With the Lua call you can just put that in, but the "storedvalue" is a pointer that you create, so "[storedvalue]+2FC".
This is because in storing the address (or base) of the value, at the address of "storedvalue"; it becomes a base with a first offset of 0 to get to the base address, of the values address.

And just to be as clear as I can, the Lua call at the end of the disabled section needs to be:

Code: Select all

luaCall(writeFloat('[storedvalue]+2FC', readFloat('[storedvalue+8]'))) 

[Fruitpunch]

Alright, thank you very much for your help ShyTwig16, this has cleared some things that were confusing.

There's still a tiny problem though.

I tried to attach a snapshot but kept getting an extension error so you'll just have to believe me.

The address being changed: A0438F0C

After enabling script:
storedvalue = 2688781328 = A0438C10
storedvalue+8 = (float)1.4

After disabling script the value in address A0438F0C becomes 0.

This is exactly what I used:

Code: Select all

luaCall(writeFloat('[storedvalue]+2FC', readFloat('[storedvalue+8]')))

[TimFun13]

It doesn't need the brackets in read float because the address to read is "storedvalue+8", sorry stupid mistake on my part.
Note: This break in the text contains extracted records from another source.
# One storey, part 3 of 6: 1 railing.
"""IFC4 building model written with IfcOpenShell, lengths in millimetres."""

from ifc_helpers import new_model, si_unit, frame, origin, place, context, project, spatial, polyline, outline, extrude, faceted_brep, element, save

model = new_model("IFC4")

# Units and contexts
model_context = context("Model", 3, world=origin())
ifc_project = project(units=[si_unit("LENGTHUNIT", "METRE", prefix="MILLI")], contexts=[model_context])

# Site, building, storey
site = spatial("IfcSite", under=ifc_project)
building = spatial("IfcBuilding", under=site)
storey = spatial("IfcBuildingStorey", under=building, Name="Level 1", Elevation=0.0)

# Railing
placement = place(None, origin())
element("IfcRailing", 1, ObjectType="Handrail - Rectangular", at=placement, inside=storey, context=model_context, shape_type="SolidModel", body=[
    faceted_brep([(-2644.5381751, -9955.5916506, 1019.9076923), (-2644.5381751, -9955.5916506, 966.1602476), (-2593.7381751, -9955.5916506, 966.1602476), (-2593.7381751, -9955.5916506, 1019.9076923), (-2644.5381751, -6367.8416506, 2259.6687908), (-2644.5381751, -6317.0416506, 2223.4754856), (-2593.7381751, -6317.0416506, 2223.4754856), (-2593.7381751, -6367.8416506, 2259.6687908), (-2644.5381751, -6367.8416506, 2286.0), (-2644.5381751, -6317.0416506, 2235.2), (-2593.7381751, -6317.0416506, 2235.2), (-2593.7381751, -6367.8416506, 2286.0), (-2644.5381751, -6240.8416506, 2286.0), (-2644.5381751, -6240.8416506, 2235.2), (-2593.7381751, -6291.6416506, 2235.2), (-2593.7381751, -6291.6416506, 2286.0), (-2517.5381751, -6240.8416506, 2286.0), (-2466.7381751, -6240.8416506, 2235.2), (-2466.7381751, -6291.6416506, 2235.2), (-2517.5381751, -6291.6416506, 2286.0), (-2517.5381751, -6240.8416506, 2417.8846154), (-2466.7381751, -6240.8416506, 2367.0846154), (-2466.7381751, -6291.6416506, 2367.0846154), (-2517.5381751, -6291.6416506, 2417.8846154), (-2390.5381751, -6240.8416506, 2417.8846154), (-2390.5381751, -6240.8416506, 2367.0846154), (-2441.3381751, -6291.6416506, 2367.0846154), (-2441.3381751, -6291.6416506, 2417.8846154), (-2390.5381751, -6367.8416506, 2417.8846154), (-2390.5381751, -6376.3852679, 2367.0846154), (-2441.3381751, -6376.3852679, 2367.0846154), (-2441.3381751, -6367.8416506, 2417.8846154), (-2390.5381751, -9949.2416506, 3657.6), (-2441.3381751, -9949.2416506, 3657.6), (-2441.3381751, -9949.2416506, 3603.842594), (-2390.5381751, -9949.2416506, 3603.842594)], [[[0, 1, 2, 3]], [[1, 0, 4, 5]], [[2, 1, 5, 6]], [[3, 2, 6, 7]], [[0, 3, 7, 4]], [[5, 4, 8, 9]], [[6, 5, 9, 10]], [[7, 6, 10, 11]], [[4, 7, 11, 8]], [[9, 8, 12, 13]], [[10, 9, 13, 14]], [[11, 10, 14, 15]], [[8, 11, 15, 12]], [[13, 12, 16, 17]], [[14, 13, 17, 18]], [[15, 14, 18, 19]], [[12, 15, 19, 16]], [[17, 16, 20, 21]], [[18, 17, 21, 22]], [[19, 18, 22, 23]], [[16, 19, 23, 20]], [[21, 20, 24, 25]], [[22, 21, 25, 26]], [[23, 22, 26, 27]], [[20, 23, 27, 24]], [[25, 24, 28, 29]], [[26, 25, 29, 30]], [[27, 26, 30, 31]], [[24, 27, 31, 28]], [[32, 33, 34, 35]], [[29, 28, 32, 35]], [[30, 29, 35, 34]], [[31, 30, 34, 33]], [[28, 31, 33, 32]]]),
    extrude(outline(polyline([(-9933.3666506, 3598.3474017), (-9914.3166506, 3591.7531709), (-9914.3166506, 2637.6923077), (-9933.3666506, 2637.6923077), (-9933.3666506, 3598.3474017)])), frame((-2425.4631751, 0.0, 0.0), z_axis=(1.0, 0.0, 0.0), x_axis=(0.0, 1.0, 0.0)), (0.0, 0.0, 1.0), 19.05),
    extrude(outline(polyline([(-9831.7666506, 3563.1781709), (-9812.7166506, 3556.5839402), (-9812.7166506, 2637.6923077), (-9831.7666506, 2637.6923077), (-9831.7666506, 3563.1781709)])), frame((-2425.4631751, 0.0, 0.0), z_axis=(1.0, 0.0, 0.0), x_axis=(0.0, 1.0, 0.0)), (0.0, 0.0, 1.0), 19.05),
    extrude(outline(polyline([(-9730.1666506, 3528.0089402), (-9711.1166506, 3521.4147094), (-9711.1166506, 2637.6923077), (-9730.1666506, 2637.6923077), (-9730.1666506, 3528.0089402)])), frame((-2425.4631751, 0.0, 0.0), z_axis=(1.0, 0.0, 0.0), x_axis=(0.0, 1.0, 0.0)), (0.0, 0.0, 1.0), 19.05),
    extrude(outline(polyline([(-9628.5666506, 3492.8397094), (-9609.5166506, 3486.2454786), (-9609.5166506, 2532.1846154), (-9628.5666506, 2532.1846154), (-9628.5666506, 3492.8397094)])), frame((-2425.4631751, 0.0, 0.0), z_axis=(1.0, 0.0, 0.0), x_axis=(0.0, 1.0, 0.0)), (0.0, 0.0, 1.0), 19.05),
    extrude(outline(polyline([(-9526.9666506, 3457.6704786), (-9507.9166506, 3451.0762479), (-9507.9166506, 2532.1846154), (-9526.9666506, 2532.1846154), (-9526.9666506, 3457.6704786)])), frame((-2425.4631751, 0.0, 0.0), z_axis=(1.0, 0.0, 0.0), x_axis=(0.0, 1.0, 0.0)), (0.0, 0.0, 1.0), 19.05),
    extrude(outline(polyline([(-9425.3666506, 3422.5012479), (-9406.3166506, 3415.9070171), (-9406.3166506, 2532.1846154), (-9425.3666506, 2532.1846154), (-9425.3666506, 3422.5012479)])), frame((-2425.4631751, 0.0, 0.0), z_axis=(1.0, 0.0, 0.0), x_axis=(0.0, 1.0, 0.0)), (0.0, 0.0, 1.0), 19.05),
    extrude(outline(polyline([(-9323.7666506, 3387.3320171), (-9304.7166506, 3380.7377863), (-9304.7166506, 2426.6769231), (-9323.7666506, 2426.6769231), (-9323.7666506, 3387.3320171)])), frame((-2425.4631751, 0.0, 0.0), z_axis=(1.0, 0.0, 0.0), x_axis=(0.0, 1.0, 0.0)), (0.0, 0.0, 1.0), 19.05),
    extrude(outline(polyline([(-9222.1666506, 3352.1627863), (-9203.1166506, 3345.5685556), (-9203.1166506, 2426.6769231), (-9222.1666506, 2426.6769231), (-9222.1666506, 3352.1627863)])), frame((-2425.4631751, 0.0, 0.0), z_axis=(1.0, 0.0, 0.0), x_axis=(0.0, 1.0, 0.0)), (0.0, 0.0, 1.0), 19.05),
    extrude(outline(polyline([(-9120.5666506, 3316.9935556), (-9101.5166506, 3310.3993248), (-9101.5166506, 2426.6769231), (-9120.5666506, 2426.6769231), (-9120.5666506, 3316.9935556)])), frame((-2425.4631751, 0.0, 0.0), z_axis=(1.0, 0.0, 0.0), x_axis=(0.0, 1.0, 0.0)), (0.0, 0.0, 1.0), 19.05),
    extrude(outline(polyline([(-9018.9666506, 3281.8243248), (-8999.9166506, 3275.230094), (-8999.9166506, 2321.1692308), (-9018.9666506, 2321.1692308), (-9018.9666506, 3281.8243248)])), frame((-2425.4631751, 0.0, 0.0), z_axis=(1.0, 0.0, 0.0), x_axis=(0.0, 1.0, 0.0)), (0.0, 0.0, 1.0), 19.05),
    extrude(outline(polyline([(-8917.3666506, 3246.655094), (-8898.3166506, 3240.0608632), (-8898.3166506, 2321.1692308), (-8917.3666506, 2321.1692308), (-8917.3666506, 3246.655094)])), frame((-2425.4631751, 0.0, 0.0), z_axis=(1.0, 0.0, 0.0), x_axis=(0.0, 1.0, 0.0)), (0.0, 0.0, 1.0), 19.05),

I bet if you had put in "[storedvalue+8]" as an address you would have seen a "0", maybe "??". Just change it to this.

Code: Select all

luaCall(writeFloat('[storedvalue]+2FC', readFloat('storedvalue+8')))

Well maybe one of these days I might actually help some one? Hope my errors don't add to confusion or aggravation to much, but you can add the addresses as they are in the Lua call in-between the quotations and see where they are pointing to, just to double check at this point (this is where I might have seen my error, hah maybe?).

[Fruitpunch]

Well, you did help me so thanks a million!
Also giving confirmation that the code works now.